Он говорил громко, размахивая руками. На нас оглядывались прохожие, думая невесть что. Не могли же они предполагать в этом невысоком жестикулирующем человеке известного всему миру академика. Тем более что одет он был в далеко не новое, видавшее виды драповое пальто и слегка вылезшую, правда, пыжиковую шапку. Академик терпеть не мог влезать в новую, как он говорил, "непритёртую" одежду, особенно в обувь.

Наконец он тоже заметил удивлённые, насмешливые, а иногда и подозрительные взгляды, снизил на полтона голос:

– Кстати, если бы мы не валили все трудности в кучу "пережитков", а говорили правду, легче было бы и бороться с ними. "Говори откровенно, и лжец от тебя убежит", как сказал английский поэт Уильям Блейк. – Когда мы входили в полосы света от фонарей, становились резче усталые морщины у его рта, у глаз… – …А мы с вами, Пётр Петрович, залезаем внутрь механизмов Первой программы да ещё пытаемся переделать их, приспосабливая к своим, человеческим целям. Поэтому нам надо быть ой какими хитрыми и терпеливыми. А самое главное – дальновидными. Ибо госпожа природа не всегда прощает такое вмешательство… – Вдруг озорно подмигнул мне: – Мы же всё равно будем вмешиваться. Нас мёдом не корми, только дай вмешаться, покопаться в себе. Да и ничего другого нам не остаётся…

Он поправил шарф на шее, и Таня сказала:

– Не просту́дитесь, Виктор Сергеевич? Всё-таки сегодня на улице холодно.

Как в каждой женщине, в ней жило одно из прекрасных проявлений Первой программы – инстинкт материнства, и она покровительственно относилась к мужчинам. Но Виктор Сергеевич, наверное, по-своему понял её слова, потому что сразу же, взглянув для приличия на часы, заспешил, попрощался и почти на ходу вскочил в троллейбус.

А мы в тот вечер ещё долго гуляли по заснеженному проспекту Науки. Набрякшее небо висело низко, облака казались следами босых ног на тёмно-зелёном льду. Под ногами потрескивала снежная парусина. Ветер менялся, становилось теплее. Постепенно менялось и небо, превращаясь в синюю стеклянную чашу.

– Откуда вы знаете домочадцев академика? – спросил я.

– Училась с его дочкой в одной школе, – отчего-то смутившись, неохотно ответила Таня и поспешила спросить: – А почему Виктор Сергеевич пришёл с вами в виварий?
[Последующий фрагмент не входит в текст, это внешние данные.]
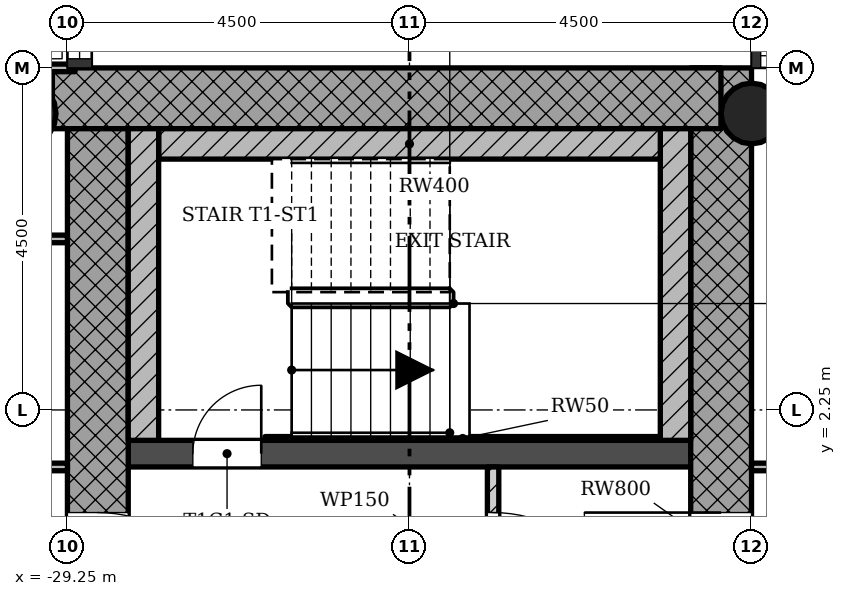
"""IFC4 building model, lengths in metres.
Left out: names, types, materials, properties, quantities, classifications, styles, units other than length and angle.
Written with IfcOpenShell. Run it as: python <this file> out.ifc"""

import sys

from ifc_helpers import new_model, si_unit, direction, frame, frame_2d, origin, origin_2d, place, context, subcontext, project, spatial, rectangle, hollow_circle, extrude, element, fill, save


model = new_model("IFC4")
c1 = context("Model", 3, precision=1e-05, world=origin(), true_north=direction((0.0, 1.0)))
c2 = subcontext(c1, "Body", "Model", "MODEL_VIEW")
j1 = project(units=[si_unit("LENGTHUNIT", "METRE"), si_unit("PLANEANGLEUNIT", "RADIAN")], contexts=[c1])
p1 = place(None, origin())
s1 = spatial("IfcSite", under=j1, at=p1, CompositionType="ELEMENT")
p2 = place(p1, origin())
s2 = spatial("IfcBuilding", under=s1, at=p2, CompositionType="ELEMENT")
p3 = place(p2, frame((0.0, 0.0, 143.9)))
s3 = spatial("IfcBuildingStorey", under=s2, at=p3, CompositionType="ELEMENT", Elevation=143.9)
p4 = place(p3, frame((-20.65, -5.95, 0.0), z_axis=(0.0, 0.0, 1.0), x_axis=(0.0, 1.0, 0.0)))
e1 = element("IfcWall", 1, at=p4, inside=s3, PredefinedType="SHEAR", context=c2, shape_type="SweptSolid", body=[
    extrude(rectangle(XDim=12.7, YDim=0.8, at=frame_2d((6.35, 0.0))), origin(), (0.0, 0.0, 1.0), 3.4),
])
p5 = place(p4, frame((5.05, 0.0, 0.0)))
e2 = element("IfcOpeningElement", 2, at=p5, cuts=e1, PredefinedType="OPENING", context=c2, shape_type="SweptSolid", body=[
    extrude(rectangle(XDim=1.8, YDim=2.1, at=frame_2d((0.9, 1.05))), frame((0.0, 0.41, 0.0), z_axis=(0.0, -1.0, 0.0), x_axis=(1.0, 0.0, 0.0)), (0.0, 0.0, 1.0), 0.82),
])
p6 = place(p3, frame((-20.652, 6.35, 0.0), z_axis=(0.0, 0.0, 1.0), x_axis=(-1.0, 0.0, 0.0)))
e3 = element("IfcWall", 3, at=p6, inside=s3, PredefinedType="SHEAR", context=c2, shape_type="SweptSolid", body=[
    extrude(rectangle(XDim=8.796, YDim=0.8, at=frame_2d((4.398, 0.0))), origin(), (0.0, 0.0, 1.0), 3.4),
])
p7 = place(p3, frame((-28.85, 5.95, 0.0), z_axis=(0.0, 0.0, 1.0), x_axis=(0.0, -1.0, 0.0)))
e4 = element("IfcWall", 4, at=p7, inside=s3, PredefinedType="SHEAR", context=c2, shape_type="SweptSolid", body=[
    extrude(rectangle(XDim=12.7, YDim=0.8, at=frame_2d((6.35, 0.0))), origin(), (0.0, 0.0, 1.0), 3.4),
])
p8 = place(p7, frame((5.05, 0.0, 0.0)))
e5 = element("IfcOpeningElement", 5, at=p8, cuts=e4, PredefinedType="OPENING", context=c2, shape_type="SweptSolid", body=[
    extrude(rectangle(XDim=1.8, YDim=2.1, at=frame_2d((0.9, 1.05))), frame((0.0, 0.41, 0.0), z_axis=(0.0, -1.0, 0.0), x_axis=(1.0, 0.0, 0.0)), (0.0, 0.0, 1.0), 0.82),
])
p9 = place(p3, frame((-28.45, 1.675, 0.0), z_axis=(0.0, 0.0, 1.0), x_axis=(1.0, 0.0, 0.0)))
e6 = element("IfcWall", 6, at=p9, inside=s3, PredefinedType="SHEAR", context=c2, shape_type="SweptSolid", body=[
    extrude(rectangle(XDim=7.4, YDim=0.35, at=frame_2d((3.7, 0.0))), origin(), (0.0, 0.0, 1.0), 3.4),
])
p10 = place(p9, frame((0.85, 0.0, 0.0)))
e7 = element("IfcOpeningElement", 7, at=p10, cuts=e6, PredefinedType="OPENING", context=c2, shape_type="SweptSolid", body=[
    extrude(rectangle(XDim=0.9, YDim=2.1, at=frame_2d((0.45, 1.05))), frame((0.0, 0.185, 0.0), z_axis=(0.0, -1.0, 0.0), x_axis=(1.0, 0.0, 0.0)), (0.0, 0.0, 1.0), 0.37),
])
p11 = place(p3, frame((-20.25, 6.15, 0.0), z_axis=(0.0, 0.0, 1.0), x_axis=(1.0, 0.0, 0.0)))
e8 = element("IfcColumn", 8, at=p11, inside=s3, PredefinedType="COLUMN", context=c2, shape_type="SweptSolid", body=[
    extrude(hollow_circle(Radius=0.4, WallThickness=0.028, at=origin_2d()), origin(), (0.0, 0.0, 1.0), 3.4),
])
p12 = place(p3, frame((-29.85, 6.15, 0.0), z_axis=(0.0, 0.0, 1.0), x_axis=(1.0, 0.0, 0.0)))
e9 = element("IfcColumn", 9, at=p12, inside=s3, PredefinedType="COLUMN", context=c2, shape_type="SweptSolid", body=[
    extrude(hollow_circle(Radius=0.45, WallThickness=0.032, at=origin_2d()), origin(), (0.0, 0.0, 1.0), 3.4),
])
p13 = place(p3, frame((-23.65, -1.5, 0.0), z_axis=(0.0, 0.0, 1.0), x_axis=(0.0, 1.0, 0.0)))
e10 = element("IfcWall", 10, at=p13, inside=s3, PredefinedType="PARTITIONING", context=c2, shape_type="SweptSolid", body=[
    extrude(rectangle(XDim=3.0, YDim=0.15, at=frame_2d((1.5, 0.0))), origin(), (0.0, 0.0, 1.0), 3.0),
])
p14 = place(p13, frame((0.6, 0.0, 0.0)))
e11 = element("IfcOpeningElement", 11, at=p14, cuts=e10, PredefinedType="OPENING", context=c2, shape_type="SweptSolid", body=[
    extrude(rectangle(XDim=1.8, YDim=2.1, at=frame_2d((0.9, 1.05))), frame((0.0, 0.085, 0.0), z_axis=(0.0, -1.0, 0.0), x_axis=(1.0, 0.0, 0.0)), (0.0, 0.0, 1.0), 0.17),
])
p15 = place(p3, frame((-31.5, 1.5, 0.0), z_axis=(0.0, 0.0, 1.0), x_axis=(1.0, 0.0, 0.0)))
e12 = element("IfcWall", 12, at=p15, inside=s3, PredefinedType="PARTITIONING", context=c2, shape_type="SweptSolid", body=[
    extrude(rectangle(XDim=2.25, YDim=0.1, at=frame_2d((1.125, 0.0))), origin(), (0.0, 0.0, 1.0), 3.0),
])
p16 = place(p3, frame((-20.25, 1.5, 0.0), z_axis=(0.0, 0.0, 1.0), x_axis=(1.0, 0.0, 0.0)))
e13 = element("IfcWall", 13, at=p16, inside=s3, PredefinedType="PARTITIONING", context=c2, shape_type="SweptSolid", body=[
    extrude(rectangle(XDim=4.5, YDim=0.1, at=frame_2d((2.25, 0.0))), origin(), (0.0, 0.0, 1.0), 3.0),
])
p17 = place(p16, frame((1.8, 0.0, 0.0)))
e14 = element("IfcOpeningElement", 14, at=p17, cuts=e13, PredefinedType="OPENING", context=c2, shape_type="SweptSolid", body=[
    extrude(rectangle(XDim=0.9, YDim=2.1, at=frame_2d((0.45, 1.05))), frame((0.0, 0.06, 0.0), z_axis=(0.0, -1.0, 0.0), x_axis=(1.0, 0.0, 0.0)), (0.0, 0.0, 1.0), 0.12),
])
p18 = place(p3, frame((-35.1, 4.5, 0.0), z_axis=(0.0, 0.0, 1.0), x_axis=(1.0, 0.0, 0.0)))
e15 = element("IfcWall", 15, at=p18, inside=s3, PredefinedType="PARTITIONING", context=c2, shape_type="SweptSolid", body=[
    extrude(rectangle(XDim=5.85, YDim=0.1, at=frame_2d((2.925, 0.0))), origin(), (0.0, 0.0, 1.0), 3.0),
])
p19 = place(p18, frame((1.35, 0.0, 0.0)))
e16 = element("IfcOpeningElement", 16, at=p19, cuts=e15, PredefinedType="OPENING", context=c2, shape_type="SweptSolid", body=[
    extrude(rectangle(XDim=0.9, YDim=2.1, at=frame_2d((0.45, 1.05))), frame((0.0, 0.06, 0.0), z_axis=(0.0, -1.0, 0.0), x_axis=(1.0, 0.0, 0.0)), (0.0, 0.0, 1.0), 0.12),
])
p20 = place(p3, frame((-35.1, 6.75, 0.0), z_axis=(0.0, 0.0, 1.0), x_axis=(1.0, 0.0, 0.0)))
e17 = element("IfcWall", 17, at=p20, inside=s3, PredefinedType="PARTITIONING", context=c2, shape_type="SweptSolid", body=[
    extrude(rectangle(XDim=5.95, YDim=0.1, at=frame_2d((2.975, 0.0))), origin(), (0.0, 0.0, 1.0), 3.0),
])
p21 = place(p3, frame((-21.25, 1.85, 0.0), z_axis=(0.0, 0.0, 1.0), x_axis=(0.0, 1.0, 0.0)))
e18 = element("IfcWall", 18, at=p21, inside=s3, PredefinedType="SHEAR", context=c2, shape_type="SweptSolid", body=[
    extrude(rectangle(XDim=4.1, YDim=0.4, at=frame_2d((2.05, 0.0))), origin(), (0.0, 0.0, 1.0), 3.4),
])
p22 = place(p3, frame((-28.05, 5.75, 0.0), z_axis=(0.0, 0.0, 1.0), x_axis=(1.0, 0.0, 0.0)))
e19 = element("IfcWall", 19, at=p22, inside=s3, PredefinedType="SHEAR", context=c2, shape_type="SweptSolid", body=[
    extrude(rectangle(XDim=6.6, YDim=0.4, at=frame_2d((3.3, 0.0))), origin(), (0.0, 0.0, 1.0), 3.4),
])
p23 = place(p3, frame((-28.25, 1.85, 0.0), z_axis=(0.0, 0.0, 1.0), x_axis=(0.0, 1.0, 0.0)))
e20 = element("IfcWall", 20, at=p23, inside=s3, PredefinedType="SHEAR", context=c2, shape_type="SweptSolid", body=[
    extrude(rectangle(XDim=4.1, YDim=0.4, at=frame_2d((2.05, 0.0))), origin(), (0.0, 0.0, 1.0), 3.4),
])
p24 = place(p3, frame((-26.65, 1.875, 0.0), z_axis=(0.0, 0.0, 1.0), x_axis=(1.0, 0.0, 0.0)))
e21 = element("IfcWall", 21, at=p24, inside=s3, PredefinedType="SHEAR", context=c2, shape_type="SweptSolid", body=[
    extrude(rectangle(XDim=5.2, YDim=0.05, at=frame_2d((2.6, 0.0))), origin(), (0.0, 0.0, 1.0), 3.4),
])
p25 = place(p14, origin())
e22 = element("IfcDoor", 22, at=p25, inside=s3, OperationType="SINGLE_SWING_LEFT", PredefinedType="DOOR", context=c2, shape_type="SweptSolid", body=[
    extrude(rectangle(XDim=1.8, YDim=2.1, at=frame_2d((0.9, 1.05))), frame((0.0, 0.025, 0.0), z_axis=(0.0, -1.0, 0.0), x_axis=(1.0, 0.0, 0.0)), (0.0, 0.0, 1.0), 0.05),
])
fill(e11, e22)
p26 = place(p10, origin())
e23 = element("IfcDoor", 23, at=p26, inside=s3, OperationType="SINGLE_SWING_LEFT", PredefinedType="DOOR", context=c2, shape_type="SweptSolid", body=[
    extrude(rectangle(XDim=0.9, YDim=2.1, at=frame_2d((0.45, 1.05))), frame((0.0, 0.025, 0.0), z_axis=(0.0, -1.0, 0.0), x_axis=(1.0, 0.0, 0.0)), (0.0, 0.0, 1.0), 0.05),
])
fill(e7, e23)
p27 = place(p8, origin())
e24 = element("IfcDoor", 24, at=p27, inside=s3, OperationType="SINGLE_SWING_LEFT", PredefinedType="DOOR", context=c2, shape_type="SweptSolid", body=[
    extrude(rectangle(XDim=1.8, YDim=2.1, at=frame_2d((0.9, 1.05))), frame((0.0, 0.025, 0.0), z_axis=(0.0, -1.0, 0.0), x_axis=(1.0, 0.0, 0.0)), (0.0, 0.0, 1.0), 0.05),
])
fill(e5, e24)
p28 = place(p5, origin())
e25 = element("IfcDoor", 25, at=p28, inside=s3, OperationType="SINGLE_SWING_LEFT", PredefinedType="DOOR", context=c2, shape_type="SweptSolid", body=[
    extrude(rectangle(XDim=1.8, YDim=2.1, at=frame_2d((0.9, 1.05))), frame((0.0, 0.025, 0.0), z_axis=(0.0, -1.0, 0.0), x_axis=(1.0, 0.0, 0.0)), (0.0, 0.0, 1.0), 0.05),
])
fill(e2, e25)
save(model, sys.argv[1])

Специально ко мне?

Пришлось рассказать о вчерашнем разговоре и о том, как сегодня неожиданно академик появился в лаборатории.

Мы заговорили о своеобычности Виктора Сергеевича.

– Это своеобычность гения, – утверждала Таня. – Даже то, как он исправляет свои ошибки, как не боится уронить свой авторитет.

– Так должны поступать все люди, Таня. Исключение должно стать нормой.

– Должно? – насмешливо произнесла она. – А когда станет? Одни не хотят поступиться гордыней, а другие боятся потерять её. Ведь их авторитет держится на довольно хрупком фундаменте. Только такой человек, как Виктор Сергеевич, может позволить себе не считаться с условностями. А много ли таких?

– Точно таких очень мало. Но тех, кто поступает так же, гораздо больше. Не обязательно быть гением, чтобы поступать честно.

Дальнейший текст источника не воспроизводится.